On the seashore

A collaborative design from Barcode Architects and the Bjarke Ingels Group, the Sluishuis residential building slants over the water in Amsterdam.

Danish architecture studio Bjarke Ingels Group (BIG) and Dutch studio Barcode Architects unveiled the Sluishuis residential building, which slants over the IJ Lake in Amsterdam, earlier in 2022. The remarkable angular building surrounds an internal square harbour and courtyard, with blocks on two sides cantilevered to hang above the water and the other two staggered to create apartments with balconies. 

Built on an artificial island on IJ lake in the IJburg district, the square housing block hosts a total of 442 apartments with a mix of rental and owner-occupied homes alternated throughout. The building aims to provide space for a range of target groups in different income levels and age categories, offering a rich diversity of housing typologies like compact urban studios, duplex penthouses and lower watersports apartments. All of the apartments are accessible via the central courtyard. 

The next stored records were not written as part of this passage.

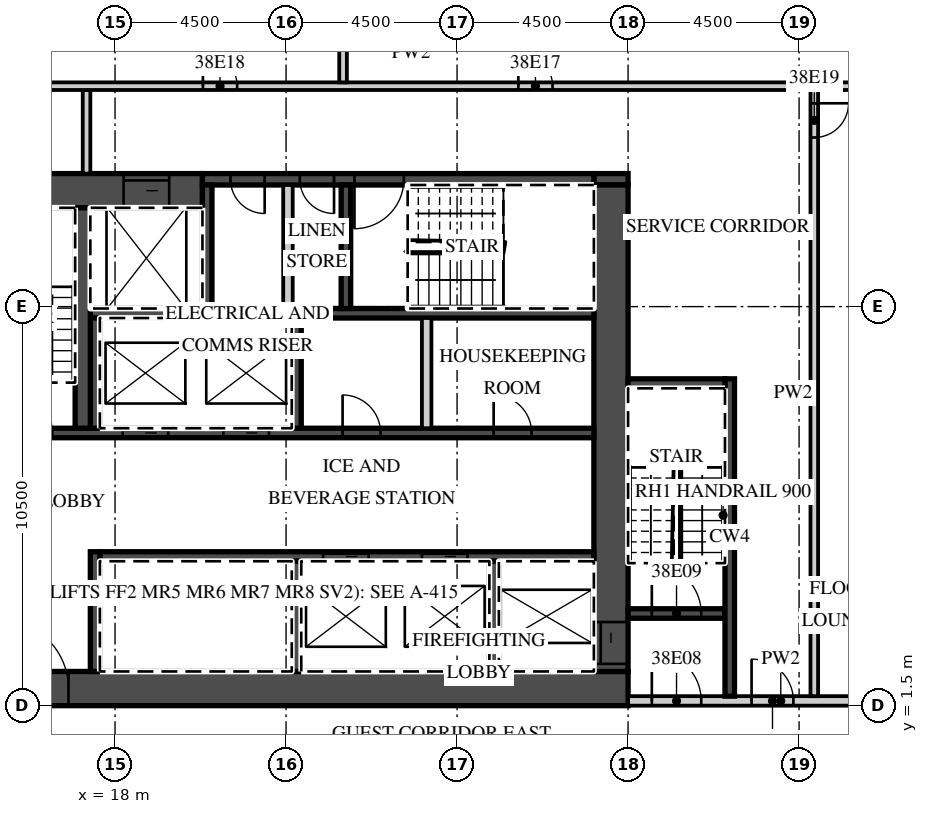
"""IFC4 building model, lengths in metres.
Left out: names, types, materials, properties, quantities, classifications, styles, units other than length and angle.
Written with IfcOpenShell. Run it as: python <this file> out.ifc"""

import sys

from ifc_helpers import new_model, si_unit, direction, frame, frame_2d, origin, place, context, subcontext, project, spatial, rectangle, extrude, element, fill, save


model = new_model("IFC4")
c1 = context("Model", 3, precision=1e-05, world=origin(), true_north=direction((0.0, 1.0)))
c2 = subcontext(c1, "Body", "Model", "MODEL_VIEW")
j1 = project(units=[si_unit("LENGTHUNIT", "METRE"), si_unit("PLANEANGLEUNIT", "RADIAN")], contexts=[c1])
p1 = place(None, origin())
s1 = spatial("IfcSite", under=j1, at=p1, CompositionType="ELEMENT")
p2 = place(p1, origin())
s2 = spatial("IfcBuilding", under=s1, at=p2, CompositionType="ELEMENT")
p3 = place(p2, frame((0.0, 0.0, 166.9)))
s3 = spatial("IfcBuildingStorey", under=s2, at=p3, CompositionType="ELEMENT", Elevation=166.9)
p4 = place(p3, frame((13.5, 1.95, 0.0), z_axis=(0.0, 0.0, 1.0), x_axis=(1.0, 0.0, 0.0)))
e1 = element("IfcWall", 1, at=p4, inside=s3, PredefinedType="SHEAR", context=c2, shape_type="SweptSolid", body=[
    extrude(rectangle(XDim=18.0, YDim=0.9, at=frame_2d((9.0, 0.0))), origin(), (0.0, 0.0, 1.0), 3.02),
])
p5 = place(p4, frame((1.475, 0.0, 0.0)))
e2 = element("IfcOpeningElement", 2, at=p5, cuts=e1, PredefinedType="OPENING", context=c2, shape_type="SweptSolid", body=[
    extrude(rectangle(XDim=1.8, YDim=2.1, at=frame_2d((0.9, 1.05))), frame((0.0, 0.46, 0.0), z_axis=(0.0, -1.0, 0.0), x_axis=(1.0, 0.0, 0.0)), (0.0, 0.0, 1.0), 0.92),
])
p6 = place(p3, frame((13.5, 15.05, 0.0), z_axis=(0.0, 0.0, 1.0), x_axis=(1.0, 0.0, 0.0)))
e3 = element("IfcWall", 3, at=p6, inside=s3, PredefinedType="SHEAR", context=c2, shape_type="SweptSolid", body=[
    extrude(rectangle(XDim=6.8, YDim=0.9, at=frame_2d((3.4, 0.0))), origin(), (0.0, 0.0, 1.0), 3.02),
])
p7 = place(p6, frame((4.725, 0.0, 0.0)))
e4 = element("IfcOpeningElement", 4, at=p7, cuts=e3, PredefinedType="OPENING", context=c2, shape_type="SweptSolid", body=[
    extrude(rectangle(XDim=1.2, YDim=2.1, at=frame_2d((0.6, 1.05))), frame((0.0, 0.46, 0.0), z_axis=(0.0, -1.0, 0.0), x_axis=(1.0, 0.0, 0.0)), (0.0, 0.0, 1.0), 0.92),
])
p8 = place(p3, frame((30.6, 15.35, 0.0), z_axis=(0.0, 0.0, 1.0), x_axis=(1.0, 0.0, 0.0)))
e5 = element("IfcWall", 5, at=p8, inside=s3, PredefinedType="SHEAR", context=c2, shape_type="SweptSolid", body=[
    extrude(rectangle(XDim=0.9, YDim=0.3, at=frame_2d((0.45, 0.0))), origin(), (0.0, 0.0, 1.0), 3.02),
])
p9 = place(p3, frame((20.3, 15.35, 0.0), z_axis=(0.0, 0.0, 1.0), x_axis=(1.0, 0.0, 0.0)))
e6 = element("IfcWall", 6, at=p9, inside=s3, PredefinedType="SHEAR", context=c2, shape_type="SweptSolid", body=[
    extrude(rectangle(XDim=10.3, YDim=0.3, at=frame_2d((5.15, 0.0))), origin(), (0.0, 0.0, 1.0), 3.02),
])
p10 = place(p9, frame((4.0, 0.0, 0.0)))
e7 = element("IfcOpeningElement", 7, at=p10, cuts=e6, PredefinedType="OPENING", context=c2, shape_type="SweptSolid", body=[
    extrude(rectangle(XDim=1.3, YDim=2.1, at=frame_2d((0.65, 1.05))), frame((0.0, 0.16, 0.0), z_axis=(0.0, -1.0, 0.0), x_axis=(1.0, 0.0, 0.0)), (0.0, 0.0, 1.0), 0.32),
])
p11 = place(p9, frame((2.562, 0.0, 0.0)))
e8 = element("IfcOpeningElement", 8, at=p11, cuts=e6, PredefinedType="OPENING", context=c2, shape_type="SweptSolid", body=[
    extrude(rectangle(XDim=0.9, YDim=2.1, at=frame_2d((0.45, 1.05))), frame((0.0, 0.16, 0.0), z_axis=(0.0, -1.0, 0.0), x_axis=(1.0, 0.0, 0.0)), (0.0, 0.0, 1.0), 0.32),
])
p12 = place(p9, frame((0.738, 0.0, 0.0)))
e9 = element("IfcOpeningElement", 9, at=p12, cuts=e6, PredefinedType="OPENING", context=c2, shape_type="SweptSolid", body=[
    extrude(rectangle(XDim=0.9, YDim=2.1, at=frame_2d((0.45, 1.05))), frame((0.0, 0.16, 0.0), z_axis=(0.0, -1.0, 0.0), x_axis=(1.0, 0.0, 0.0)), (0.0, 0.0, 1.0), 0.32),
])
p13 = place(p3, frame((31.05, 2.4, 0.0), z_axis=(0.0, 0.0, 1.0), x_axis=(0.0, 1.0, 0.0)))
e10 = element("IfcWall", 10, at=p13, inside=s3, PredefinedType="SHEAR", context=c2, shape_type="SweptSolid", body=[
    extrude(rectangle(XDim=12.8, YDim=0.9, at=frame_2d((6.4, 0.0))), origin(), (0.0, 0.0, 1.0), 3.02),
])
p14 = place(p13, frame((0.2, 0.0, 0.0)))
e11 = element("IfcOpeningElement", 11, at=p14, cuts=e10, PredefinedType="OPENING", context=c2, shape_type="SweptSolid", body=[
    extrude(rectangle(XDim=1.1, YDim=2.1, at=frame_2d((0.55, 1.05))), frame((0.0, 0.46, 0.0), z_axis=(0.0, -1.0, 0.0), x_axis=(1.0, 0.0, 0.0)), (0.0, 0.0, 1.0), 0.92),
])
p15 = place(p3, frame((17.6, 5.425, 0.0), z_axis=(0.0, 0.0, 1.0), x_axis=(1.0, 0.0, 0.0)))
e12 = element("IfcWall", 12, at=p15, inside=s3, PredefinedType="SHEAR", context=c2, shape_type="SweptSolid", body=[
    extrude(rectangle(XDim=13.0, YDim=0.25, at=frame_2d((6.5, 0.0))), origin(), (0.0, 0.0, 1.0), 3.02),
])
p16 = place(p15, frame((8.475, 0.0, 0.0)))
e13 = element("IfcOpeningElement", 13, at=p16, cuts=e12, PredefinedType="OPENING", context=c2, shape_type="SweptSolid", body=[
    extrude(rectangle(XDim=1.2, YDim=2.1, at=frame_2d((0.6, 1.05))), frame((0.0, 0.135, 0.0), z_axis=(0.0, -1.0, 0.0), x_axis=(1.0, 0.0, 0.0)), (0.0, 0.0, 1.0), 0.27),
])
p17 = place(p15, frame((5.875, 0.0, 0.0)))
e14 = element("IfcOpeningElement", 14, at=p17, cuts=e12, PredefinedType="OPENING", context=c2, shape_type="SweptSolid", body=[
    extrude(rectangle(XDim=1.2, YDim=2.1, at=frame_2d((0.6, 1.05))), frame((0.0, 0.135, 0.0), z_axis=(0.0, -1.0, 0.0), x_axis=(1.0, 0.0, 0.0)), (0.0, 0.0, 1.0), 0.27),
])
p18 = place(p3, frame((17.475, 2.4, 0.0), z_axis=(0.0, 0.0, 1.0), x_axis=(0.0, 1.0, 0.0)))
e15 = element("IfcWall", 15, at=p18, inside=s3, PredefinedType="SHEAR", context=c2, shape_type="SweptSolid", body=[
    extrude(rectangle(XDim=3.15, YDim=0.25, at=frame_2d((1.575, 0.0))), origin(), (0.0, 0.0, 1.0), 3.02),
])
for number, where, z_axis, x_axis in (
    (16, (27.975, 2.4, 0.0), (0.0, 0.0, 1.0), (0.0, 1.0, 0.0)),
    (17, (22.775, 2.4, 0.0), (0.0, 0.0, 1.0), (0.0, 1.0, 0.0)),
):
    element("IfcWall", number, at=place(p3, frame(where, z_axis=z_axis, x_axis=x_axis)), inside=s3, PredefinedType="SHEAR", context=c2, shape_type="SweptSolid", body=[
        extrude(rectangle(XDim=2.9, YDim=0.25, at=frame_2d((1.45, 0.0))), origin(), (0.0, 0.0, 1.0), 3.02),
    ])
p19 = place(p3, frame((14.4, 8.675, 0.0), z_axis=(0.0, 0.0, 1.0), x_axis=(1.0, 0.0, 0.0)))
e18 = element("IfcWall", 18, at=p19, inside=s3, PredefinedType="SHEAR", context=c2, shape_type="SweptSolid", body=[
    extrude(rectangle(XDim=16.2, YDim=0.25, at=frame_2d((8.1, 0.0))), origin(), (0.0, 0.0, 1.0), 3.02),
])
p20 = place(p19, frame((6.45, 0.0, 0.0)))
e19 = element("IfcOpeningElement", 19, at=p20, cuts=e18, PredefinedType="OPENING", context=c2, shape_type="SweptSolid", body=[
    extrude(rectangle(XDim=1.2, YDim=2.1, at=frame_2d((0.6, 1.05))), frame((0.0, 0.135, 0.0), z_axis=(0.0, -1.0, 0.0), x_axis=(1.0, 0.0, 0.0)), (0.0, 0.0, 1.0), 0.27),
])
p21 = place(p19, frame((3.8, 0.0, 0.0)))
e20 = element("IfcOpeningElement", 20, at=p21, cuts=e18, PredefinedType="OPENING", context=c2, shape_type="SweptSolid", body=[
    extrude(rectangle(XDim=1.2, YDim=2.1, at=frame_2d((0.6, 1.05))), frame((0.0, 0.135, 0.0), z_axis=(0.0, -1.0, 0.0), x_axis=(1.0, 0.0, 0.0)), (0.0, 0.0, 1.0), 0.27),
])
p22 = place(p19, frame((0.65, 0.0, 0.0)))
e21 = element("IfcOpeningElement", 21, at=p22, cuts=e18, PredefinedType="OPENING", context=c2, shape_type="SweptSolid", body=[
    extrude(rectangle(XDim=1.3, YDim=2.1, at=frame_2d((0.65, 1.05))), frame((0.0, 0.135, 0.0), z_axis=(0.0, -1.0, 0.0), x_axis=(1.0, 0.0, 0.0)), (0.0, 0.0, 1.0), 0.27),
])
p23 = place(p19, frame((13.562, 0.0, 0.0)))
e22 = element("IfcOpeningElement", 22, at=p23, cuts=e18, PredefinedType="OPENING", context=c2, shape_type="SweptSolid", body=[
    extrude(rectangle(XDim=1.0, YDim=2.1, at=frame_2d((0.5, 1.05))), frame((0.0, 0.135, 0.0), z_axis=(0.0, -1.0, 0.0), x_axis=(1.0, 0.0, 0.0)), (0.0, 0.0, 1.0), 0.27),
])
p24 = place(p19, frame((9.587, 0.0, 0.0)))
e23 = element("IfcOpeningElement", 23, at=p24, cuts=e18, PredefinedType="OPENING", context=c2, shape_type="SweptSolid", body=[
    extrude(rectangle(XDim=1.0, YDim=2.1, at=frame_2d((0.5, 1.05))), frame((0.0, 0.135, 0.0), z_axis=(0.0, -1.0, 0.0), x_axis=(1.0, 0.0, 0.0)), (0.0, 0.0, 1.0), 0.27),
])
p25 = place(p3, frame((17.35, 11.825, 0.0), z_axis=(0.0, 0.0, 1.0), x_axis=(1.0, 0.0, 0.0)))
e24 = element("IfcWall", 24, at=p25, inside=s3, PredefinedType="SHEAR", context=c2, shape_type="SweptSolid", body=[
    extrude(rectangle(XDim=13.25, YDim=0.25, at=frame_2d((6.625, 0.0))), origin(), (0.0, 0.0, 1.0), 3.02),
])
for number, where, z_axis, x_axis in (
    (25, (17.475, 8.8, 0.0), (0.0, 0.0, 1.0), (0.0, 1.0, 0.0)),
    (26, (22.775, 8.8, 0.0), (0.0, 0.0, 1.0), (0.0, 1.0, 0.0)),
):
    element("IfcWall", number, at=place(p3, frame(where, z_axis=z_axis, x_axis=x_axis)), inside=s3, PredefinedType="SHEAR", context=c2, shape_type="SweptSolid", body=[
        extrude(rectangle(XDim=2.9, YDim=0.25, at=frame_2d((1.45, 0.0))), origin(), (0.0, 0.0, 1.0), 3.02),
    ])
p26 = place(p3, frame((26.2, 8.8, 0.0), z_axis=(0.0, 0.0, 1.0), x_axis=(0.0, 1.0, 0.0)))
e27 = element("IfcWall", 27, at=p26, inside=s3, PredefinedType="PARTITIONING", context=c2, shape_type="SweptSolid", body=[
    extrude(rectangle(XDim=2.9, YDim=0.25, at=frame_2d((1.45, 0.0))), origin(), (0.0, 0.0, 1.0), 3.02),
])
p27 = place(p3, frame((17.15, 8.8, 0.0), z_axis=(0.0, 0.0, 1.0), x_axis=(0.0, 1.0, 0.0)))
e28 = element("IfcWall", 28, at=p27, inside=s3, PredefinedType="SHEAR", context=c2, shape_type="SweptSolid", body=[
    extrude(rectangle(XDim=5.8, YDim=0.4, at=frame_2d((2.9, 0.0))), origin(), (0.0, 0.0, 1.0), 3.02),
])
for number, where, z_axis, x_axis in (
    (29, (20.425, 11.95, 0.0), (0.0, 0.0, 1.0), (0.0, 1.0, 0.0)),
    (30, (24.075, 11.95, 0.0), (0.0, 0.0, 1.0), (0.0, 1.0, 0.0)),
):
    element("IfcWall", number, at=place(p3, frame(where, z_axis=z_axis, x_axis=x_axis)), inside=s3, PredefinedType="SHEAR", context=c2, shape_type="SweptSolid", body=[
        extrude(rectangle(XDim=3.25, YDim=0.25, at=frame_2d((1.625, 0.0))), origin(), (0.0, 0.0, 1.0), 3.02),
    ])
p28 = place(p3, frame((22.55, 11.95, 0.0), z_axis=(0.0, 0.0, 1.0), x_axis=(0.0, 1.0, 0.0)))
e31 = element("IfcWall", 31, at=p28, inside=s3, PredefinedType="PARTITIONING", context=c2, shape_type="SweptSolid", body=[
    extrude(rectangle(XDim=3.25, YDim=0.25, at=frame_2d((1.625, 0.0))), origin(), (0.0, 0.0, 1.0), 3.02),
])
p29 = place(p3, frame((31.5, 1.625, 0.0), z_axis=(0.0, 0.0, 1.0), x_axis=(1.0, 0.0, 0.0)))
e32 = element("IfcWall", 32, at=p29, inside=s3, PredefinedType="PARTITIONING", context=c2, shape_type="SweptSolid", body=[
    extrude(rectangle(XDim=8.035, YDim=0.25, at=frame_2d((4.018, 0.0))), origin(), (0.0, 0.0, 1.0), 3.02),
])
p30 = place(p29, frame((0.625, 0.0, 0.0)))
e33 = element("IfcOpeningElement", 33, at=p30, cuts=e32, PredefinedType="OPENING", context=c2, shape_type="SweptSolid", body=[
    extrude(rectangle(XDim=1.3, YDim=2.1, at=frame_2d((0.65, 1.05))), frame((0.0, 0.135, 0.0), z_axis=(0.0, -1.0, 0.0), x_axis=(1.0, 0.0, 0.0)), (0.0, 0.0, 1.0), 0.27),
])
p31 = place(p29, frame((3.25, 0.0, 0.0)))
e34 = element("IfcOpeningElement", 34, at=p31, cuts=e32, PredefinedType="OPENING", context=c2, shape_type="SweptSolid", body=[
    extrude(rectangle(XDim=1.1, YDim=2.1, at=frame_2d((0.55, 1.05))), frame((0.0, 0.135, 0.0), z_axis=(0.0, -1.0, 0.0), x_axis=(1.0, 0.0, 0.0)), (0.0, 0.0, 1.0), 0.27),
])
p32 = place(p3, frame((31.5, 3.925, 0.0), z_axis=(0.0, 0.0, 1.0), x_axis=(1.0, 0.0, 0.0)))
e35 = element("IfcWall", 35, at=p32, inside=s3, PredefinedType="SHEAR", context=c2, shape_type="SweptSolid", body=[
    extrude(rectangle(XDim=2.55, YDim=0.25, at=frame_2d((1.275, 0.0))), origin(), (0.0, 0.0, 1.0), 3.02),
])
p33 = place(p32, frame((0.625, 0.0, 0.0)))
e36 = element("IfcOpeningElement", 36, at=p33, cuts=e35, PredefinedType="OPENING", context=c2, shape_type="SweptSolid", body=[
    extrude(rectangle(XDim=1.3, YDim=2.1, at=frame_2d((0.65, 1.05))), frame((0.0, 0.135, 0.0), z_axis=(0.0, -1.0, 0.0), x_axis=(1.0, 0.0, 0.0)), (0.0, 0.0, 1.0), 0.27),
])
p34 = place(p3, frame((34.175, 1.75, 0.0), z_axis=(0.0, 0.0, 1.0), x_axis=(0.0, 1.0, 0.0)))
e37 = element("IfcWall", 37, at=p34, inside=s3, PredefinedType="SHEAR", context=c2, shape_type="SweptSolid", body=[
    extrude(rectangle(XDim=8.35, YDim=0.25, at=frame_2d((4.175, 0.0))), origin(), (0.0, 0.0, 1.0), 3.02),
])
p35 = place(p3, frame((31.5, 9.975, 0.0), z_axis=(0.0, 0.0, 1.0), x_axis=(1.0, 0.0, 0.0)))
e38 = element("IfcWall", 38, at=p35, inside=s3, PredefinedType="SHEAR", context=c2, shape_type="SweptSolid", body=[
    extrude(rectangle(XDim=2.55, YDim=0.25, at=frame_2d((1.275, 0.0))), origin(), (0.0, 0.0, 1.0), 3.02),
])
p36 = place(p3, frame((17.25, 15.5, 0.0), z_axis=(0.0, 0.0, 1.0), x_axis=(0.0, 1.0, 0.0)))
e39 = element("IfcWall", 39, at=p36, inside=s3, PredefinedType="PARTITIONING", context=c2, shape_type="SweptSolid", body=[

The top two floors at Sluishuis are duplex penthouses that offer inimitable views over the IJmeer, while the staggered part of the building hosts premium flats with sunny wooden-roof terraces. The apartments on the bottom of the cantilever are particularly special, offering stunning views directly over the water and of boats underneath you through a large window. Each home in Sluishuis has optimal views and daylight thanks to the double-cut and staggered shape of the building. 

Sluishuis, despite being a residential project, has been designed with public space in mind, catering for both visitors and residents alike. The harbour features a public plinth that will accommodate spaces like sailing schools, watersports centers, restaurants and a spacious terrace, which visitors will be able to access via the courtyard. There is also a jetty promenade with space for 34 houseboats that surrounds the building, allowing for further contact with the water with mooring spaces, sitting decks and floating gardens. 

The materials used in the building seek to contrast yet connect with the natural surroundings. Untreated aluminum covers the façade, reflecting the water and light, while the steep roof terraces and jetty promenade are made of wood. The building has also been designed with sustainability in mind, and has been noted as one of the most sustainable buildings to be recently completed. Sluishuis has an energy performance coefficient (EPC) of 0.00: the building’s heating requirements have been minimised by combining insulation techniques, triple glazing, and heat recovery from the ventilation systems and showers, it is heated by a combination of energy-efficient district heating and heat pumps for hot water and cooling, and is fully provided by 2 200m2 of solar panels. In addition to technical aspects, attention to greenery and water collection in the development of Sluishuis was a top priority. 

Those looking to reside or invest in Sluishuis can find out more information about registering, floor plans and building facts on the Sluishuis website: https://inda.ba/3CtNqTk.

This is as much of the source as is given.